Just checked the for sale area and there is an 04 asking $8500.. thats 2K less


----------



## bwildaussie (May 5, 2009)

No, kids...

Just me, the Husband and three dogs. : )


----------



## Nathan (Jan 2, 2007)

BWildAussie said:


> No, kids...
> 
> Just me, the Husband and three dogs. : )


Uh, we have a friend with an Australian Shepherd. They can be sortof like 2 kids in one dog.


----------



## Doxie-Doglover-Too (Jan 25, 2007)

Hi and Welcome! you are have other Outbackers in your town- WaCougar, also known as Vic and Kelly! Be sure to check out PNW Rally's and Casual Get Togethers and join us, we'd love to have you!

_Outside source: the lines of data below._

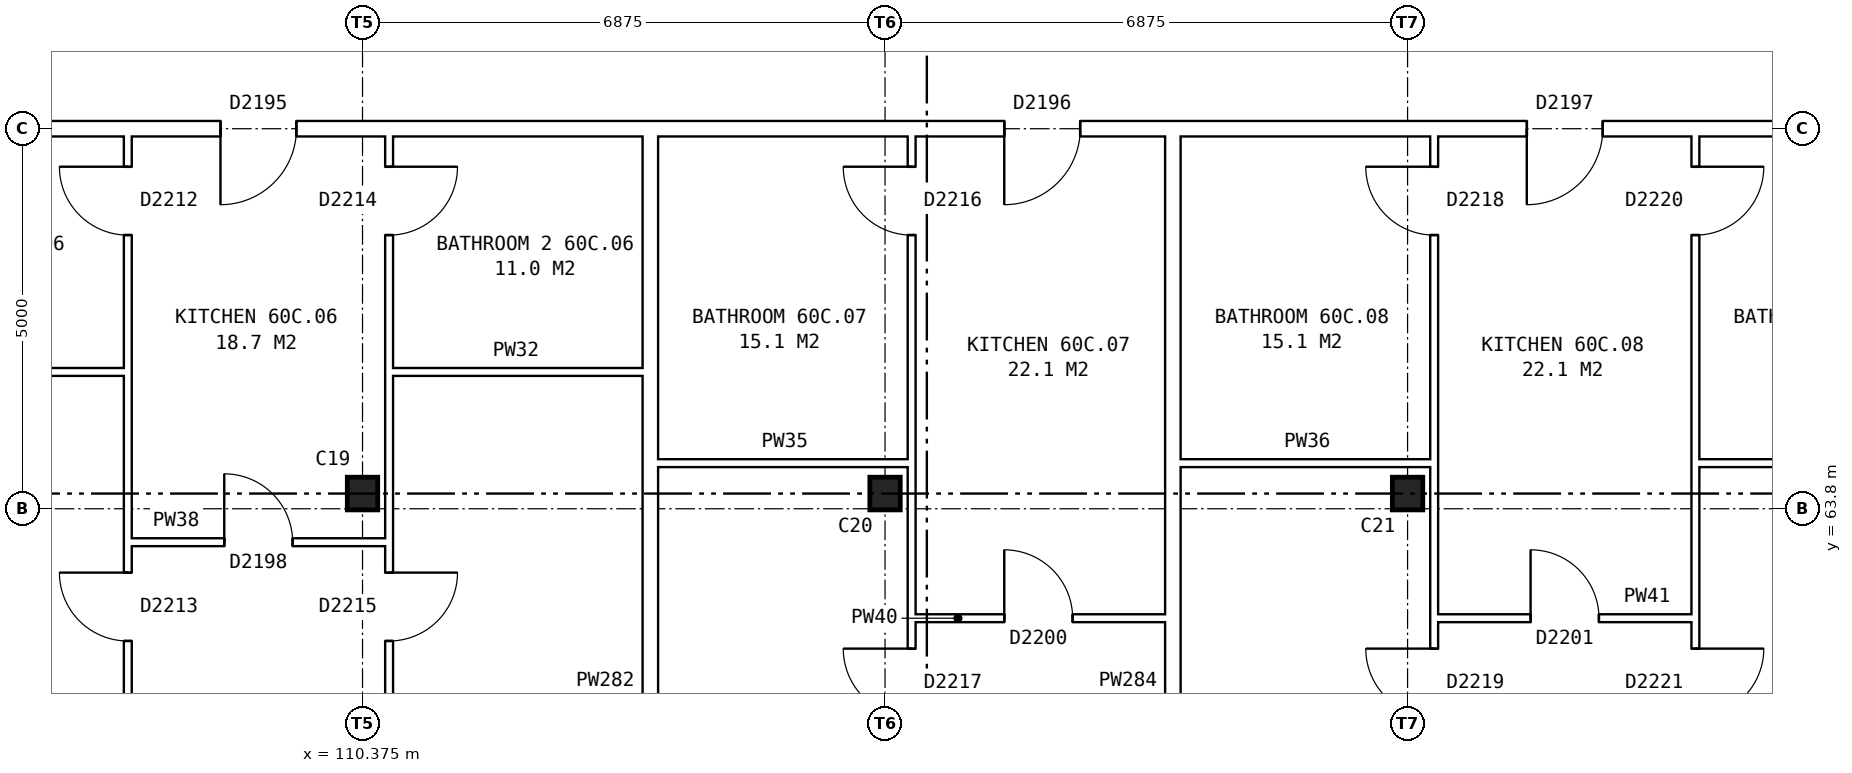
"""IFC4 building model, lengths in metres.
Left out: names, types, materials, properties, quantities, classifications, styles, units other than length and angle.
Written with IfcOpenShell. Run it as: python <this file> out.ifc"""

import sys

from ifc_helpers import new_model, si_unit, direction, frame, frame_2d, origin, origin_2d, place, context, subcontext, project, spatial, rectangle, i_section, extrude, element, fill, save


model = new_model("IFC4")
c1 = context("Model", 3, precision=1e-05, world=origin(), true_north=direction((0.0, 1.0)))
c2 = subcontext(c1, "Body", "Model", "MODEL_VIEW")
j1 = project(units=[si_unit("LENGTHUNIT", "METRE"), si_unit("PLANEANGLEUNIT", "RADIAN")], contexts=[c1])
p1 = place(None, origin())
s1 = spatial("IfcSite", under=j1, at=p1, CompositionType="ELEMENT")
p2 = place(p1, origin())
s2 = spatial("IfcBuilding", under=s1, at=p2, CompositionType="ELEMENT")
p3 = place(p2, frame((0.0, 0.0, 212.1)))
s3 = spatial("IfcBuildingStorey", under=s2, at=p3, CompositionType="ELEMENT", Elevation=212.1)
for number, where, z_axis, x_axis in (
    (1, (110.375, 64.0, 0.0), (0.0, 0.0, 1.0), (1.0, 0.0, 0.0)),
    (2, (117.25, 64.0, 0.0), (0.0, 0.0, 1.0), (1.0, 0.0, 0.0)),
    (3, (124.125, 64.0, 0.0), (0.0, 0.0, 1.0), (1.0, 0.0, 0.0)),
):
    element("IfcColumn", number, at=place(p3, frame(where, z_axis=z_axis, x_axis=x_axis)), inside=s3, PredefinedType="COLUMN", context=c2, shape_type="SweptSolid", body=[
        extrude(i_section(OverallWidth=0.4, OverallDepth=0.43, WebThickness=0.04, FlangeThickness=0.04, at=origin_2d()), origin(), (0.0, 0.0, 1.0), 2.85),
    ])
p4 = place(p3, frame((117.6, 62.36, 0.0), z_axis=(0.0, 0.0, 1.0), x_axis=(1.0, 0.0, 0.0)))
e4 = element("IfcWall", 4, at=p4, inside=s3, PredefinedType="PARTITIONING", context=c2, shape_type="SweptSolid", body=[
    extrude(rectangle(XDim=3.337, YDim=0.1, at=frame_2d((1.668, 0.0))), origin(), (0.0, 0.0, 1.0), 2.85),
])
p5 = place(p4, frame((1.219, 0.0, 0.0)))
e5 = element("IfcOpeningElement", 5, at=p5, cuts=e4, PredefinedType="OPENING", context=c2, shape_type="SweptSolid", body=[
    extrude(rectangle(XDim=0.9, YDim=2.1, at=frame_2d((0.45, 1.05))), frame((0.0, 0.06, 0.0), z_axis=(0.0, -1.0, 0.0), x_axis=(1.0, 0.0, 0.0)), (0.0, 0.0, 1.0), 0.12),
])
p6 = place(p3, frame((124.475, 62.36, 0.0), z_axis=(0.0, 0.0, 1.0), x_axis=(1.0, 0.0, 0.0)))
e6 = element("IfcWall", 6, at=p6, inside=s3, PredefinedType="PARTITIONING", context=c2, shape_type="SweptSolid", body=[
    extrude(rectangle(XDim=3.437, YDim=0.1, at=frame_2d((1.719, 0.0))), origin(), (0.0, 0.0, 1.0), 2.85),
])
p7 = place(p6, frame((1.269, 0.0, 0.0)))
e7 = element("IfcOpeningElement", 7, at=p7, cuts=e6, PredefinedType="OPENING", context=c2, shape_type="SweptSolid", body=[
    extrude(rectangle(XDim=0.9, YDim=2.1, at=frame_2d((0.45, 1.05))), frame((0.0, 0.06, 0.0), z_axis=(0.0, -1.0, 0.0), x_axis=(1.0, 0.0, 0.0)), (0.0, 0.0, 1.0), 0.12),
])
p8 = place(p3, frame((107.287, 63.36, 0.0), z_axis=(0.0, 0.0, 1.0), x_axis=(1.0, 0.0, 0.0)))
e8 = element("IfcWall", 8, at=p8, inside=s3, PredefinedType="PARTITIONING", context=c2, shape_type="SweptSolid", body=[
    extrude(rectangle(XDim=3.438, YDim=0.1, at=frame_2d((1.719, 0.0))), origin(), (0.0, 0.0, 1.0), 2.85),
])
p9 = place(p8, frame((1.269, 0.0, 0.0)))
e9 = element("IfcOpeningElement", 9, at=p9, cuts=e8, PredefinedType="OPENING", context=c2, shape_type="SweptSolid", body=[
    extrude(rectangle(XDim=0.9, YDim=2.1, at=frame_2d((0.45, 1.05))), frame((0.0, 0.06, 0.0), z_axis=(0.0, -1.0, 0.0), x_axis=(1.0, 0.0, 0.0)), (0.0, 0.0, 1.0), 0.12),
])
for number, where, z_axis, x_axis in (
    (10, (114.262, 64.4, 0.0), (0.0, 0.0, 1.0), (1.0, 0.0, 0.0)),
    (11, (121.137, 64.4, 0.0), (0.0, 0.0, 1.0), (1.0, 0.0, 0.0)),
):
    element("IfcWall", number, at=place(p3, frame(where, z_axis=z_axis, x_axis=x_axis)), inside=s3, PredefinedType="PARTITIONING", context=c2, shape_type="SweptSolid", body=[
        extrude(rectangle(XDim=3.338, YDim=0.1, at=frame_2d((1.669, 0.0))), origin(), (0.0, 0.0, 1.0), 2.85),
    ])
p10 = place(p3, frame((127.912, 64.4, 0.0), z_axis=(0.0, 0.0, 1.0), x_axis=(1.0, 0.0, 0.0)))
e12 = element("IfcWall", 12, at=p10, inside=s3, PredefinedType="PARTITIONING", context=c2, shape_type="SweptSolid", body=[
    extrude(rectangle(XDim=3.448, YDim=0.1, at=frame_2d((1.724, 0.0))), origin(), (0.0, 0.0, 1.0), 2.85),
])
p11 = place(p3, frame((100.412, 65.6, 0.0), z_axis=(0.0, 0.0, 1.0), x_axis=(1.0, 0.0, 0.0)))
e13 = element("IfcWall", 13, at=p11, inside=s3, PredefinedType="PARTITIONING", context=c2, shape_type="SweptSolid", body=[
    extrude(rectangle(XDim=6.875, YDim=0.1, at=frame_2d((3.438, 0.0))), origin(), (0.0, 0.0, 1.0), 2.85),
])
p12 = place(p3, frame((110.725, 65.6, 0.0), z_axis=(0.0, 0.0, 1.0), x_axis=(1.0, 0.0, 0.0)))
e14 = element("IfcWall", 14, at=p12, inside=s3, PredefinedType="PARTITIONING", context=c2, shape_type="SweptSolid", body=[
    extrude(rectangle(XDim=3.337, YDim=0.1, at=frame_2d((1.668, 0.0))), origin(), (0.0, 0.0, 1.0), 2.85),
])
p13 = place(p3, frame((75.64, 68.8, 0.0), z_axis=(0.0, 0.0, 1.0), x_axis=(1.0, 0.0, 0.0)))
e15 = element("IfcWall", 15, at=p13, inside=s3, PredefinedType="PARTITIONING", context=c2, shape_type="SweptSolid", body=[
    extrude(rectangle(XDim=55.72, YDim=0.2, at=frame_2d((27.86, 0.0))), origin(), (0.0, 0.0, 1.0), 2.85),
])
p14 = place(p13, frame((5.191, 0.0, 0.0)))
e16 = element("IfcOpeningElement", 16, at=p14, cuts=e15, PredefinedType="OPENING", context=c2, shape_type="SweptSolid", body=[
    extrude(rectangle(XDim=1.0, YDim=2.1, at=frame_2d((0.5, 1.05))), frame((0.0, 0.11, 0.0), z_axis=(0.0, -1.0, 0.0), x_axis=(1.0, 0.0, 0.0)), (0.0, 0.0, 1.0), 0.22),
])
p15 = place(p13, frame((15.678, 0.0, 0.0)))
e17 = element("IfcOpeningElement", 17, at=p15, cuts=e15, PredefinedType="OPENING", context=c2, shape_type="SweptSolid", body=[
    extrude(rectangle(XDim=1.0, YDim=2.1, at=frame_2d((0.5, 1.05))), frame((0.0, 0.11, 0.0), z_axis=(0.0, -1.0, 0.0), x_axis=(1.0, 0.0, 0.0)), (0.0, 0.0, 1.0), 0.22),
])
p16 = place(p13, frame((22.553, 0.0, 0.0)))
e18 = element("IfcOpeningElement", 18, at=p16, cuts=e15, PredefinedType="OPENING", context=c2, shape_type="SweptSolid", body=[
    extrude(rectangle(XDim=1.0, YDim=2.1, at=frame_2d((0.5, 1.05))), frame((0.0, 0.11, 0.0), z_axis=(0.0, -1.0, 0.0), x_axis=(1.0, 0.0, 0.0)), (0.0, 0.0, 1.0), 0.22),
])
p17 = place(p13, frame((32.866, 0.0, 0.0)))
e19 = element("IfcOpeningElement", 19, at=p17, cuts=e15, PredefinedType="OPENING", context=c2, shape_type="SweptSolid", body=[
    extrude(rectangle(XDim=1.0, YDim=2.1, at=frame_2d((0.5, 1.05))), frame((0.0, 0.11, 0.0), z_axis=(0.0, -1.0, 0.0), x_axis=(1.0, 0.0, 0.0)), (0.0, 0.0, 1.0), 0.22),
])
p18 = place(p13, frame((43.178, 0.0, 0.0)))
e20 = element("IfcOpeningElement", 20, at=p18, cuts=e15, PredefinedType="OPENING", context=c2, shape_type="SweptSolid", body=[
    extrude(rectangle(XDim=1.0, YDim=2.1, at=frame_2d((0.5, 1.05))), frame((0.0, 0.11, 0.0), z_axis=(0.0, -1.0, 0.0), x_axis=(1.0, 0.0, 0.0)), (0.0, 0.0, 1.0), 0.22),
])
p19 = place(p13, frame((50.053, 0.0, 0.0)))
e21 = element("IfcOpeningElement", 21, at=p19, cuts=e15, PredefinedType="OPENING", context=c2, shape_type="SweptSolid", body=[
    extrude(rectangle(XDim=1.0, YDim=2.1, at=frame_2d((0.5, 1.05))), frame((0.0, 0.11, 0.0), z_axis=(0.0, -1.0, 0.0), x_axis=(1.0, 0.0, 0.0)), (0.0, 0.0, 1.0), 0.22),
])
p20 = place(p3, frame((107.287, 54.36, 0.0), z_axis=(0.0, 0.0, 1.0), x_axis=(0.0, 1.0, 0.0)))
e22 = element("IfcWall", 22, at=p20, inside=s3, PredefinedType="PARTITIONING", context=c2, shape_type="SweptSolid", body=[
    extrude(rectangle(XDim=14.34, YDim=0.1, at=frame_2d((7.17, 0.0))), origin(), (0.0, 0.0, 1.0), 2.85),
])
p21 = place(p20, frame((7.7, 0.0, 0.0)))
e23 = element("IfcOpeningElement", 23, at=p21, cuts=e22, PredefinedType="OPENING", context=c2, shape_type="SweptSolid", body=[
    extrude(rectangle(XDim=0.9, YDim=2.1, at=frame_2d((0.45, 1.05))), frame((0.0, 0.06, 0.0), z_axis=(0.0, -1.0, 0.0), x_axis=(1.0, 0.0, 0.0)), (0.0, 0.0, 1.0), 0.12),
])
p22 = place(p20, frame((13.04, 0.0, 0.0)))
e24 = element("IfcOpeningElement", 24, at=p22, cuts=e22, PredefinedType="OPENING", context=c2, shape_type="SweptSolid", body=[
    extrude(rectangle(XDim=0.9, YDim=2.1, at=frame_2d((0.45, 1.05))), frame((0.0, 0.06, 0.0), z_axis=(0.0, -1.0, 0.0), x_axis=(1.0, 0.0, 0.0)), (0.0, 0.0, 1.0), 0.12),
])
p23 = place(p3, frame((110.725, 54.36, 0.0), z_axis=(0.0, 0.0, 1.0), x_axis=(0.0, 1.0, 0.0)))
e25 = element("IfcWall", 25, at=p23, inside=s3, PredefinedType="PARTITIONING", context=c2, shape_type="SweptSolid", body=[
    extrude(rectangle(XDim=14.34, YDim=0.1, at=frame_2d((7.17, 0.0))), origin(), (0.0, 0.0, 1.0), 2.85),
])
p24 = place(p23, frame((7.7, 0.0, 0.0)))
e26 = element("IfcOpeningElement", 26, at=p24, cuts=e25, PredefinedType="OPENING", context=c2, shape_type="SweptSolid", body=[
    extrude(rectangle(XDim=0.9, YDim=2.1, at=frame_2d((0.45, 1.05))), frame((0.0, 0.06, 0.0), z_axis=(0.0, -1.0, 0.0), x_axis=(1.0, 0.0, 0.0)), (0.0, 0.0, 1.0), 0.12),
])
p25 = place(p23, frame((13.04, 0.0, 0.0)))
e27 = element("IfcOpeningElement", 27, at=p25, cuts=e25, PredefinedType="OPENING", context=c2, shape_type="SweptSolid", body=[
    extrude(rectangle(XDim=0.9, YDim=2.1, at=frame_2d((0.45, 1.05))), frame((0.0, 0.06, 0.0), z_axis=(0.0, -1.0, 0.0), x_axis=(1.0, 0.0, 0.0)), (0.0, 0.0, 1.0), 0.12),
])
p26 = place(p3, frame((114.162, 54.36, 0.0), z_axis=(0.0, 0.0, 1.0), x_axis=(0.0, 1.0, 0.0)))
e28 = element("IfcWall", 28, at=p26, inside=s3, PredefinedType="PARTITIONING", context=c2, shape_type="SweptSolid", body=[
    extrude(rectangle(XDim=14.34, YDim=0.2, at=frame_2d((7.17, 0.0))), origin(), (0.0, 0.0, 1.0), 2.85),
])
p27 = place(p3, frame((117.6, 54.36, 0.0), z_axis=(0.0, 0.0, 1.0), x_axis=(0.0, 1.0, 0.0)))
e29 = element("IfcWall", 29, at=p27, inside=s3, PredefinedType="PARTITIONING", context=c2, shape_type="SweptSolid", body=[
    extrude(rectangle(XDim=14.34, YDim=0.1, at=frame_2d((7.17, 0.0))), origin(), (0.0, 0.0, 1.0), 2.85),
])
p28 = place(p27, frame((6.7, 0.0, 0.0)))
e30 = element("IfcOpeningElement", 30, at=p28, cuts=e29, PredefinedType="OPENING", context=c2, shape_type="SweptSolid", body=[
    extrude(rectangle(XDim=0.9, YDim=2.1, at=frame_2d((0.45, 1.05))), frame((0.0, 0.06, 0.0), z_axis=(0.0, -1.0, 0.0), x_axis=(1.0, 0.0, 0.0)), (0.0, 0.0, 1.0), 0.12),
])
p29 = place(p27, frame((13.04, 0.0, 0.0)))
e31 = element("IfcOpeningElement", 31, at=p29, cuts=e29, PredefinedType="OPENING", context=c2, shape_type="SweptSolid", body=[
    extrude(rectangle(XDim=0.9, YDim=2.1, at=frame_2d((0.45, 1.05))), frame((0.0, 0.06, 0.0), z_axis=(0.0, -1.0, 0.0), x_axis=(1.0, 0.0, 0.0)), (0.0, 0.0, 1.0), 0.12),
])
p30 = place(p3, frame((121.037, 54.36, 0.0), z_axis=(0.0, 0.0, 1.0), x_axis=(0.0, 1.0, 0.0)))
e32 = element("IfcWall", 32, at=p30, inside=s3, PredefinedType="PARTITIONING", context=c2, shape_type="SweptSolid", body=[
    extrude(rectangle(XDim=14.34, YDim=0.2, at=frame_2d((7.17, 0.0))), origin(), (0.0, 0.0, 1.0), 2.85),
])
p31 = place(p3, frame((124.475, 54.36, 0.0), z_axis=(0.0, 0.0, 1.0), x_axis=(0.0, 1.0, 0.0)))
e33 = element("IfcWall", 33, at=p31, inside=s3, PredefinedType="PARTITIONING", context=c2, shape_type="SweptSolid", body=[
    extrude(rectangle(XDim=14.34, YDim=0.1, at=frame_2d((7.17, 0.0))), origin(), (0.0, 0.0, 1.0), 2.85),
])
p32 = place(p31, frame((6.7, 0.0, 0.0)))
e34 = element("IfcOpeningElement", 34, at=p32, cuts=e33, PredefinedType="OPENING", context=c2, shape_type="SweptSolid", body=[
    extrude(rectangle(XDim=0.9, YDim=2.1, at=frame_2d((0.45, 1.05))), frame((0.0, 0.06, 0.0), z_axis=(0.0, -1.0, 0.0), x_axis=(1.0, 0.0, 0.0)), (0.0, 0.0, 1.0), 0.12),
])
p33 = place(p31, frame((13.04, 0.0, 0.0)))
e35 = element("IfcOpeningElement", 35, at=p33, cuts=e33, PredefinedType="OPENING", context=c2, shape_type="SweptSolid", body=[
    extrude(rectangle(XDim=0.9, YDim=2.1, at=frame_2d((0.45, 1.05))), frame((0.0, 0.06, 0.0), z_axis=(0.0, -1.0, 0.0), x_axis=(1.0, 0.0, 0.0)), (0.0, 0.0, 1.0), 0.12),
])
p34 = place(p3, frame((127.912, 54.36, 0.0), z_axis=(0.0, 0.0, 1.0), x_axis=(0.0, 1.0, 0.0)))
e36 = element("IfcWall", 36, at=p34, inside=s3, PredefinedType="PARTITIONING", context=c2, shape_type="SweptSolid", body=[
    extrude(rectangle(XDim=14.34, YDim=0.1, at=frame_2d((7.17, 0.0))), origin(), (0.0, 0.0, 1.0), 2.85),
])
p35 = place(p34, frame((6.7, 0.0, 0.0)))
e37 = element("IfcOpeningElement", 37, at=p35, cuts=e36, PredefinedType="OPENING", context=c2, shape_type="SweptSolid", body=[
    extrude(rectangle(XDim=0.9, YDim=2.1, at=frame_2d((0.45, 1.05))), frame((0.0, 0.06, 0.0), z_axis=(0.0, -1.0, 0.0), x_axis=(1.0, 0.0, 0.0)), (0.0, 0.0, 1.0), 0.12),
])
p36 = place(p34, frame((13.04, 0.0, 0.0)))
e38 = element("IfcOpeningElement", 38, at=p36, cuts=e36, PredefinedType="OPENING", context=c2, shape_type="SweptSolid", body=[
    extrude(rectangle(XDim=0.9, YDim=2.1, at=frame_2d((0.45, 1.05))), frame((0.0, 0.06, 0.0), z_axis=(0.0, -1.0, 0.0), x_axis=(1.0, 0.0, 0.0)), (0.0, 0.0, 1.0), 0.12),
])
p37 = place(p21, origin())
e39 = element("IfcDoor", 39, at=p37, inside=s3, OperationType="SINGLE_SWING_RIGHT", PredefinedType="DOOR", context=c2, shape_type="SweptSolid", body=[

(ps) the more dogs, the merrier!


----------



## WACOUGAR (Dec 20, 2006)

I guess I best welcome you since I live right near ya!! Glad to have someone close by. Hope you find what you are looking for. Really, you shouldn't have any problems finding a great unit at a great price with a bit of patience. Where do you guys normally camp? Hopefully we will see you around sometime as we are out in our trailer all the time. Heading out this weekend for the free night of camping at the Concrete KOA and then off to Birch Bay in a couple of weeks. More to follow after that.

Again, welcome.

Kelly


----------



## Java Hounds (Oct 17, 2008)

Welcome Tanya!
I want to chime in and say that we just upgraded to a 230 RS and couldn't be happier with our choice. The 23 KRS was also in the running. It's just me, my husband, and 2 dogs so bunks weren't necessary. Here are some of my reasons for our choice: All linoleum...you know why. I foolishly thought that the front cargo area would be a perfect sleeping spot for the dogs ....it's still great storage. King bed with no climb-over; great for people, dogs love it too unfortunately, but at least there's room for all of us. Relatively short, so more site selection. The only thing I don't like is the heater vents on the floor are a fur and sand collection plate and I would have loved a heater vent in the bathroom. In the summer, we cover the floor vents with area rugs, and in Fall and Spring we hand vac. I might have enjoyed a side slide as in the 250 RS, but I have to admit it's nice to sit on the sofa and put your feet up on the dinette while watching a movie. That's a toss-up. Good luck with your search!

Beth


----------



## bwildaussie (May 5, 2009)

Nathan said:


> Uh, we have a friend with an Australian Shepherd. They can be sortof like 2 kids in one dog.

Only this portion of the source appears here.